Ok my nearest rspca have quite alot of gerbils just been brought in and they have 2 that have been there over a year  Usually I wouldn't be too bothered as at least they're in rescue and not in bad home right....well I've had animals from the guy who fosters the small furries and he keeps them in an unheated shed and the poor gerbils when I last saw them were in small tanks with about 1/2 inch substrate, no toys or cardboard and that was it 
Now on the website it says they're giving the gerbils away in 'normal cages' not tanks, surely this cant be right?

So as me and my brother love gerbils we are going to take a few of them, we have the space and money to care for them.

Anyway would this bin be suitable?
SAMLA Box - transparent, 79x57x42 cm/130 l - IKEA

Or would this one be better?
Go Shopping - Really Useful Boxes - 145 litre Really Useful Box

They are very similar in size and I'd like to go for the cheaper one but just wonder if maybe the plastic will be thinner.
What do you reckon?
I've tried looking for tanks but cannot get my hands on any.

Oh and how many gerbils would comfortably fit in the bins?
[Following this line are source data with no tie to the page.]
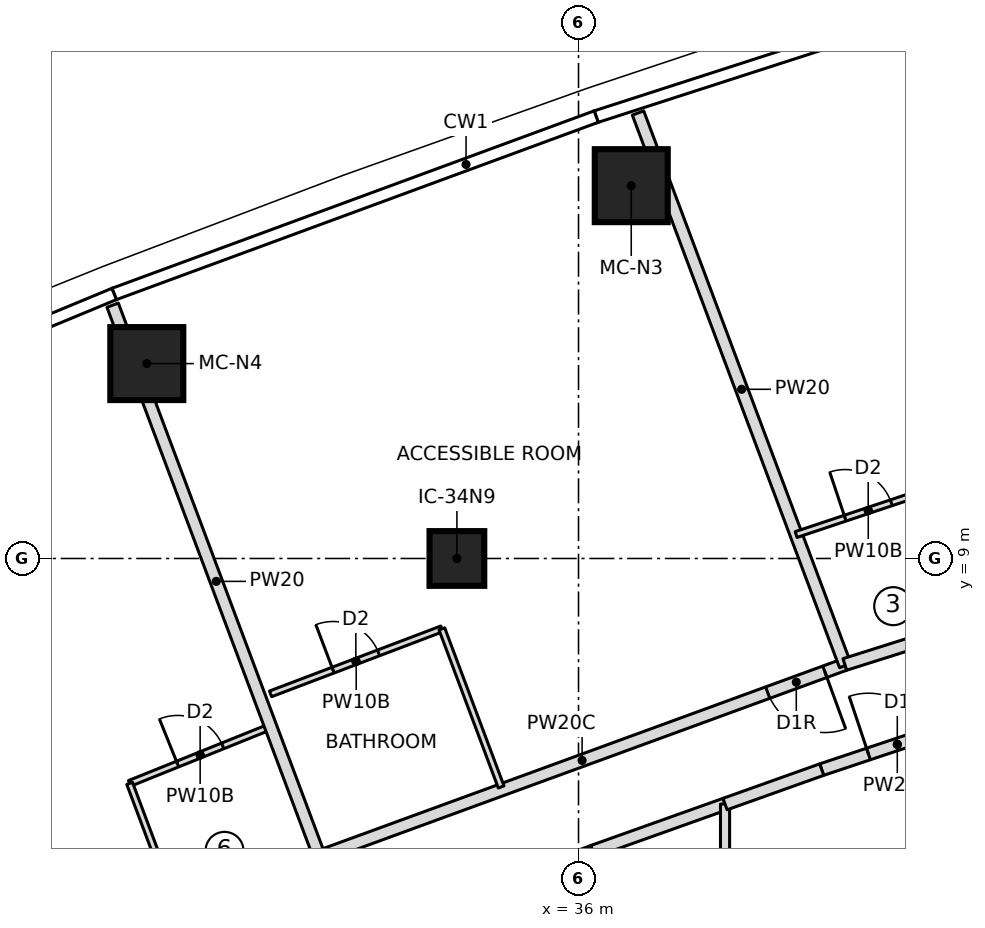
"""IFC4 building model, lengths in metres.
Left out: names, types, materials, properties, quantities, classifications, styles, units other than length and angle.
Written with IfcOpenShell. Run it as: python <this file> out.ifc"""

import sys

from ifc_helpers import new_model, si_unit, direction, frame, frame_2d, origin, origin_2d, place, context, subcontext, project, spatial, rectangle, extrude, element, fill, save


model = new_model("IFC4")
c1 = context("Model", 3, precision=1e-05, world=origin(), true_north=direction((0.0, 1.0)))
c2 = subcontext(c1, "Body", "Model", "MODEL_VIEW")
j1 = project(units=[si_unit("LENGTHUNIT", "METRE"), si_unit("PLANEANGLEUNIT", "RADIAN")], contexts=[c1])
p1 = place(None, origin())
s1 = spatial("IfcSite", under=j1, at=p1, CompositionType="ELEMENT")
p2 = place(p1, origin())
s2 = spatial("IfcBuilding", under=s1, at=p2, CompositionType="ELEMENT")
p3 = place(p2, frame((0.0, 0.0, 242.1)))
s3 = spatial("IfcBuildingStorey", under=s2, at=p3, CompositionType="ELEMENT", Elevation=242.1)
for number, where, z_axis, x_axis in (
    (1, (36.867, 15.132, 0.0), (0.0, 0.0, 1.0), (1.0, 0.0, 0.0)),
    (2, (28.9, 12.205, 0.0), (0.0, 0.0, 1.0), (1.0, 0.0, 0.0)),
):
    element("IfcColumn", number, at=place(p3, frame(where, z_axis=z_axis, x_axis=x_axis)), inside=s3, PredefinedType="COLUMN", context=c2, shape_type="SweptSolid", body=[
        extrude(rectangle(XDim=1.2, YDim=1.2, at=origin_2d()), origin(), (0.0, 0.0, 1.0), 3.55),
    ])
p4 = place(p3, frame((34.0, 9.0, 0.0), z_axis=(0.0, 0.0, 1.0), x_axis=(1.0, 0.0, 0.0)))
e3 = element("IfcColumn", 3, at=p4, inside=s3, PredefinedType="COLUMN", context=c2, shape_type="SweptSolid", body=[
    extrude(rectangle(XDim=0.9, YDim=0.9, at=origin_2d()), origin(), (0.0, 0.0, 1.0), 3.55),
])
p5 = place(p3, frame((28.618, 5.301, 0.0), z_axis=(0.0, 0.0, 1.0), x_axis=(0.92761232595, 0.373544338394, 0.0)))
e4 = element("IfcWall", 4, at=p5, inside=s3, PredefinedType="PARTITIONING", context=c2, shape_type="SweptSolid", body=[
    extrude(rectangle(XDim=2.5, YDim=0.1, at=frame_2d((1.25, 0.0))), origin(), (0.0, 0.0, 1.0), 3.25),
])
p6 = place(p5, frame((0.85, 0.0, 0.0)))
e5 = element("IfcOpeningElement", 5, at=p6, cuts=e4, PredefinedType="OPENING", context=c2, shape_type="SweptSolid", body=[
    extrude(rectangle(XDim=0.8, YDim=2.1, at=frame_2d((0.4, 1.05))), frame((0.0, 0.06, 0.0), z_axis=(0.0, -1.0, 0.0), x_axis=(1.0, 0.0, 0.0)), (0.0, 0.0, 1.0), 0.12),
])
p7 = place(p3, frame((29.417, 3.168, 0.0), z_axis=(0.0, 0.0, 1.0), x_axis=(-0.351064703731, 0.936351202164, 0.0)))
e6 = element("IfcWall", 6, at=p7, inside=s3, PredefinedType="PARTITIONING", context=c2, shape_type="SweptSolid", body=[
    extrude(rectangle(XDim=2.278, YDim=0.1, at=frame_2d((1.139, 0.0))), origin(), (0.0, 0.0, 1.0), 3.25),
])
p8 = place(p3, frame((31.745, 4.081, 0.0), z_axis=(0.0, 0.0, 1.0), x_axis=(-0.351126198992, 0.936328143538, 0.0)))
e7 = element("IfcWall", 7, at=p8, inside=s3, PredefinedType="PARTITIONING", context=c2, shape_type="SweptSolid", body=[
    extrude(rectangle(XDim=9.703, YDim=0.2, at=frame_2d((4.852, 0.0))), origin(), (0.0, 0.0, 1.0), 3.25),
])
p9 = place(p3, frame((40.38, 7.257, 0.0), z_axis=(0.0, 0.0, 1.0), x_axis=(-0.939266239759, -0.343189351305, 0.0)))
e8 = element("IfcWall", 8, at=p9, inside=s3, PredefinedType="PARTITIONING", context=c2, shape_type="SweptSolid", body=[
    extrude(rectangle(XDim=9.2, YDim=0.2, at=frame_2d((4.6, 0.0))), origin(), (0.0, 0.0, 1.0), 3.25),
])
p10 = place(p9, frame((0.35, 0.0, 0.0)))
e9 = element("IfcOpeningElement", 9, at=p10, cuts=e8, PredefinedType="OPENING", context=c2, shape_type="SweptSolid", body=[
    extrude(rectangle(XDim=1.0, YDim=2.1, at=frame_2d((0.5, 1.05))), frame((0.0, 0.11, 0.0), z_axis=(0.0, -1.0, 0.0), x_axis=(1.0, 0.0, 0.0)), (0.0, 0.0, 1.0), 0.22),
])
p11 = place(p3, frame((30.935, 6.773, 0.0), z_axis=(0.0, 0.0, 1.0), x_axis=(0.934929871592, 0.354832545302, 0.0)))
e10 = element("IfcWall", 10, at=p11, inside=s3, PredefinedType="PARTITIONING", context=c2, shape_type="SweptSolid", body=[
    extrude(rectangle(XDim=3.013, YDim=0.1, at=frame_2d((1.506, 0.0))), origin(), (0.0, 0.0, 1.0), 3.25),
])
p12 = place(p11, frame((1.1, 0.0, 0.0)))
e11 = element("IfcOpeningElement", 11, at=p12, cuts=e10, PredefinedType="OPENING", context=c2, shape_type="SweptSolid", body=[
    extrude(rectangle(XDim=0.8, YDim=2.1, at=frame_2d((0.4, 1.05))), frame((0.0, 0.06, 0.0), z_axis=(0.0, -1.0, 0.0), x_axis=(1.0, 0.0, 0.0)), (0.0, 0.0, 1.0), 0.12),
])
p13 = place(p3, frame((33.752, 7.842, 0.0), z_axis=(0.0, 0.0, 1.0), x_axis=(0.351113807562, -0.936332790272, 0.0)))
e12 = element("IfcWall", 12, at=p13, inside=s3, PredefinedType="PARTITIONING", context=c2, shape_type="SweptSolid", body=[
    extrude(rectangle(XDim=2.777, YDim=0.1, at=frame_2d((1.389, 0.0))), origin(), (0.0, 0.0, 1.0), 3.25),
])
p14 = place(p3, frame((40.387, 7.238, 0.0), z_axis=(0.0, 0.0, 1.0), x_axis=(-0.351098633881, 0.936338480084, 0.0)))
e13 = element("IfcWall", 13, at=p14, inside=s3, PredefinedType="PARTITIONING", context=c2, shape_type="SweptSolid", body=[
    extrude(rectangle(XDim=9.707, YDim=0.2, at=frame_2d((4.853, 0.0))), origin(), (0.0, 0.0, 1.0), 3.25),
])
p15 = place(p3, frame((39.579, 9.393, 0.0), z_axis=(0.0, 0.0, 1.0), x_axis=(0.948468383404, 0.316871781141, 0.0)))
e14 = element("IfcWall", 14, at=p15, inside=s3, PredefinedType="PARTITIONING", context=c2, shape_type="SweptSolid", body=[
    extrude(rectangle(XDim=2.502, YDim=0.1, at=frame_2d((1.251, 0.0))), origin(), (0.0, 0.0, 1.0), 3.25),
])
p16 = place(p15, frame((0.85, 0.0, 0.0)))
e15 = element("IfcOpeningElement", 15, at=p16, cuts=e14, PredefinedType="OPENING", context=c2, shape_type="SweptSolid", body=[
    extrude(rectangle(XDim=0.8, YDim=2.1, at=frame_2d((0.4, 1.05))), frame((0.0, 0.06, 0.0), z_axis=(0.0, -1.0, 0.0), x_axis=(1.0, 0.0, 0.0)), (0.0, 0.0, 1.0), 0.12),
])
p17 = place(p3, frame((35.41, 3.872, 0.0), z_axis=(0.0, 0.0, 1.0), x_axis=(0.934902750064, 0.354903998178, 0.0)))
e16 = element("IfcWall", 16, at=p17, inside=s3, PredefinedType="PARTITIONING", context=c2, shape_type="SweptSolid", body=[
    extrude(rectangle(XDim=0.884, YDim=0.2, at=frame_2d((0.442, 0.0))), origin(), (0.0, 0.0, 1.0), 3.25),
])
p18 = place(p3, frame((36.236, 4.186, 0.0), z_axis=(0.0, 0.0, 1.0), x_axis=(0.941897392466, 0.335900732459, 0.0)))
e17 = element("IfcWall", 17, at=p18, inside=s3, PredefinedType="PARTITIONING", context=c2, shape_type="SweptSolid", body=[
    extrude(rectangle(XDim=2.308, YDim=0.2, at=frame_2d((1.154, 0.0))), origin(), (0.0, 0.0, 1.0), 3.25),
])
p19 = place(p3, frame((38.41, -4.961, 0.0), z_axis=(0.0, 0.0, 1.0), x_axis=(0.0, 1.0, 0.0)))
e18 = element("IfcWall", 18, at=p19, inside=s3, PredefinedType="PARTITIONING", context=c2, shape_type="SweptSolid", body=[
    extrude(rectangle(XDim=9.921, YDim=0.15, at=frame_2d((4.961, 0.0))), origin(), (0.0, 0.0, 1.0), 3.25),
])
p20 = place(p3, frame((39.999, 5.527, 0.0), z_axis=(0.0, 0.0, 1.0), x_axis=(0.948459565489, 0.316898173918, 0.0)))
e19 = element("IfcWall", 19, at=p20, inside=s3, PredefinedType="PARTITIONING", context=c2, shape_type="SweptSolid", body=[
    extrude(rectangle(XDim=2.622, YDim=0.2, at=frame_2d((1.311, 0.0))), origin(), (0.0, 0.0, 1.0), 3.25),
])
p21 = place(p20, frame((0.811, 0.0, 0.0)))
e20 = element("IfcOpeningElement", 20, at=p21, cuts=e19, PredefinedType="OPENING", context=c2, shape_type="SweptSolid", body=[
    extrude(rectangle(XDim=1.0, YDim=2.1, at=frame_2d((0.5, 1.05))), frame((0.0, 0.11, 0.0), z_axis=(0.0, -1.0, 0.0), x_axis=(1.0, 0.0, 0.0)), (0.0, 0.0, 1.0), 0.22),
])
p22 = place(p3, frame((38.41, 4.961, 0.0), z_axis=(0.0, 0.0, 1.0), x_axis=(0.941925088036, 0.335823061341, 0.0)))
e21 = element("IfcWall", 21, at=p22, inside=s3, PredefinedType="PARTITIONING", context=c2, shape_type="SweptSolid", body=[
    extrude(rectangle(XDim=1.687, YDim=0.2, at=frame_2d((0.844, 0.0))), origin(), (0.0, 0.0, 1.0), 3.25),
])
p23 = place(p3, frame((40.38, 7.257, 0.0), z_axis=(0.0, 0.0, 1.0), x_axis=(0.953536454425, 0.301277662768, 0.0)))
e22 = element("IfcWall", 22, at=p23, inside=s3, PredefinedType="PARTITIONING", context=c2, shape_type="SweptSolid", body=[
    extrude(rectangle(XDim=8.306, YDim=0.2, at=frame_2d((4.153, 0.0))), origin(), (0.0, 0.0, 1.0), 3.25),
])
p24 = place(p23, frame((2.8, 0.0, 0.0)))
e23 = element("IfcOpeningElement", 23, at=p24, cuts=e22, PredefinedType="OPENING", context=c2, shape_type="SweptSolid", body=[
    extrude(rectangle(XDim=1.5, YDim=2.1, at=frame_2d((0.75, 1.05))), frame((0.0, 0.11, 0.0), z_axis=(0.0, -1.0, 0.0), x_axis=(1.0, 0.0, 0.0)), (0.0, 0.0, 1.0), 0.22),
])
p25 = place(p6, origin())
e24 = element("IfcDoor", 24, at=p25, inside=s3, OperationType="SINGLE_SWING_LEFT", PredefinedType="DOOR", context=c2, shape_type="SweptSolid", body=[
    extrude(rectangle(XDim=0.8, YDim=2.1, at=frame_2d((0.4, 1.05))), frame((0.0, 0.025, 0.0), z_axis=(0.0, -1.0, 0.0), x_axis=(1.0, 0.0, 0.0)), (0.0, 0.0, 1.0), 0.05),
])
fill(e5, e24)
p26 = place(p12, origin())
e25 = element("IfcDoor", 25, at=p26, inside=s3, OperationType="SINGLE_SWING_LEFT", PredefinedType="DOOR", context=c2, shape_type="SweptSolid", body=[
    extrude(rectangle(XDim=0.8, YDim=2.1, at=frame_2d((0.4, 1.05))), frame((0.0, 0.025, 0.0), z_axis=(0.0, -1.0, 0.0), x_axis=(1.0, 0.0, 0.0)), (0.0, 0.0, 1.0), 0.05),
])
fill(e11, e25)
p27 = place(p10, origin())
e26 = element("IfcDoor", 26, at=p27, inside=s3, OperationType="SINGLE_SWING_RIGHT", PredefinedType="DOOR", context=c2, shape_type="SweptSolid", body=[
    extrude(rectangle(XDim=1.0, YDim=2.1, at=frame_2d((0.5, 1.05))), frame((0.0, 0.025, 0.0), z_axis=(0.0, -1.0, 0.0), x_axis=(1.0, 0.0, 0.0)), (0.0, 0.0, 1.0), 0.05),
])
fill(e9, e26)
p28 = place(p16, origin())
e27 = element("IfcDoor", 27, at=p28, inside=s3, OperationType="SINGLE_SWING_LEFT", PredefinedType="DOOR", context=c2, shape_type="SweptSolid", body=[
    extrude(rectangle(XDim=0.8, YDim=2.1, at=frame_2d((0.4, 1.05))), frame((0.0, 0.025, 0.0), z_axis=(0.0, -1.0, 0.0), x_axis=(1.0, 0.0, 0.0)), (0.0, 0.0, 1.0), 0.05),
])
fill(e15, e27)
p29 = place(p21, origin())
e28 = element("IfcDoor", 28, at=p29, inside=s3, OperationType="SINGLE_SWING_LEFT", PredefinedType="DOOR", context=c2, shape_type="SweptSolid", body=[
    extrude(rectangle(XDim=1.0, YDim=2.1, at=frame_2d((0.5, 1.05))), frame((0.0, 0.025, 0.0), z_axis=(0.0, -1.0, 0.0), x_axis=(1.0, 0.0, 0.0)), (0.0, 0.0, 1.0), 0.05),
])
fill(e20, e28)
save(model, sys.argv[1])

As the rspca have a group of 4.


----------



## holly1 (Aug 10, 2010)

I got my clear tank from pets at home.No lid,I made it from mesh wire.
I think it was £35. 30 inch.I have 3 girls in mine
Have a look on here Aquarist Classified Adverts. Buy, Sell and Swap Classified Advertisments: Tropical Fish, Marine, Inverts, Malawi and Tanganyikan Cichlids, Discus, Koi, Tanks & Equipment.
Or ask on freegle/freecycle.
You might get a cheap 2nd hand one


----------



## Acid (Aug 8, 2011)

the first is roughly 28 gallon and the second is roughly 31 gallons so theyd be roomy enough i think youd manage 4 in there nicely but i heard that gerbils are really good at chewing through plastic so you might have to buy a glass one

id go for the really useful box though over the other one as the description said it comes in an extra thick version which might hold them in


----------



## Lil Miss (Dec 11, 2010)

i would go for the second RUB's are made of much tougher plastic, and there are less internal grooves for them to get their teeths into

i doubt a gerbil could get through a RUB, they are strong enough to hold cars (one under each tire) 
and i often stand on them in the animal room to reach the tops of cages XD. they are VERY strong


----------



## purple_x (Dec 29, 2010)

Thanks everyone 
I have asked my family to buy me a RUB each for xmas! So that means I'll end up with 4/5 hopefully.

It's a shame I cant mesh the sides as then I could stack them but because gerbils will need so much substrate I'll have to mesh the top, ah well.


----------



## Lil Miss (Dec 11, 2010)

you could always get some thick planks of wood and lay them across the top of the bins, so you could then stack the next bin on the wood and not block air flow, as a thought


----------



## purple_x (Dec 29, 2010)

hhmmm yeah that could work couldn't it, I'll have to see how I go.
I have space for them not stacked but if I end up with 3 or 4 lots of gerbils then they'll take up loads of room.
I'll be moving house soon from a 3 bed to a 2 bed so even less space!


----------



## GerbilNik (Apr 1, 2011)

holly1 said:


> I got my clear tank from pets at home.No lid,I made it from mesh wire.
> I think it was £35. 30 inch.I have 3 girls in mine
> Have a look on here Aquarist Classified Adverts. Buy, Sell and Swap Classified Advertisments: Tropical Fish, Marine, Inverts, Malawi and Tanganyikan Cichlids, Discus, Koi, Tanks & Equipment.
> Or ask on freegle/freecycle.
> You might get a cheap 2nd hand one


I would say if you do consider getting the one above - it's only really suitable for a single or a pair of Gerbils. Having three in there would get a little cramped after a while (it's fine as a temporary measure).

I agree the RUB's are the best. I use the 84L for pairs of rescues, and know a few people with the 145L for 3 or 4 Gerbils and they are a nice size and very tough. AS the excess plastic is on the outside it's "virtually" impossible to be chewed through. I've never had any of mine chew through them and have been using them for a few years now.


----------



## purple_x (Dec 29, 2010)

I refuse to go in [email protected] so wont be getting anything from there.
I will keep looking on ebay for 3ft tanks but on the years I've been searching I've only found 2 so I think it will def be the RUB's.
I'm glad to hear they are pretty much chew proof.


----------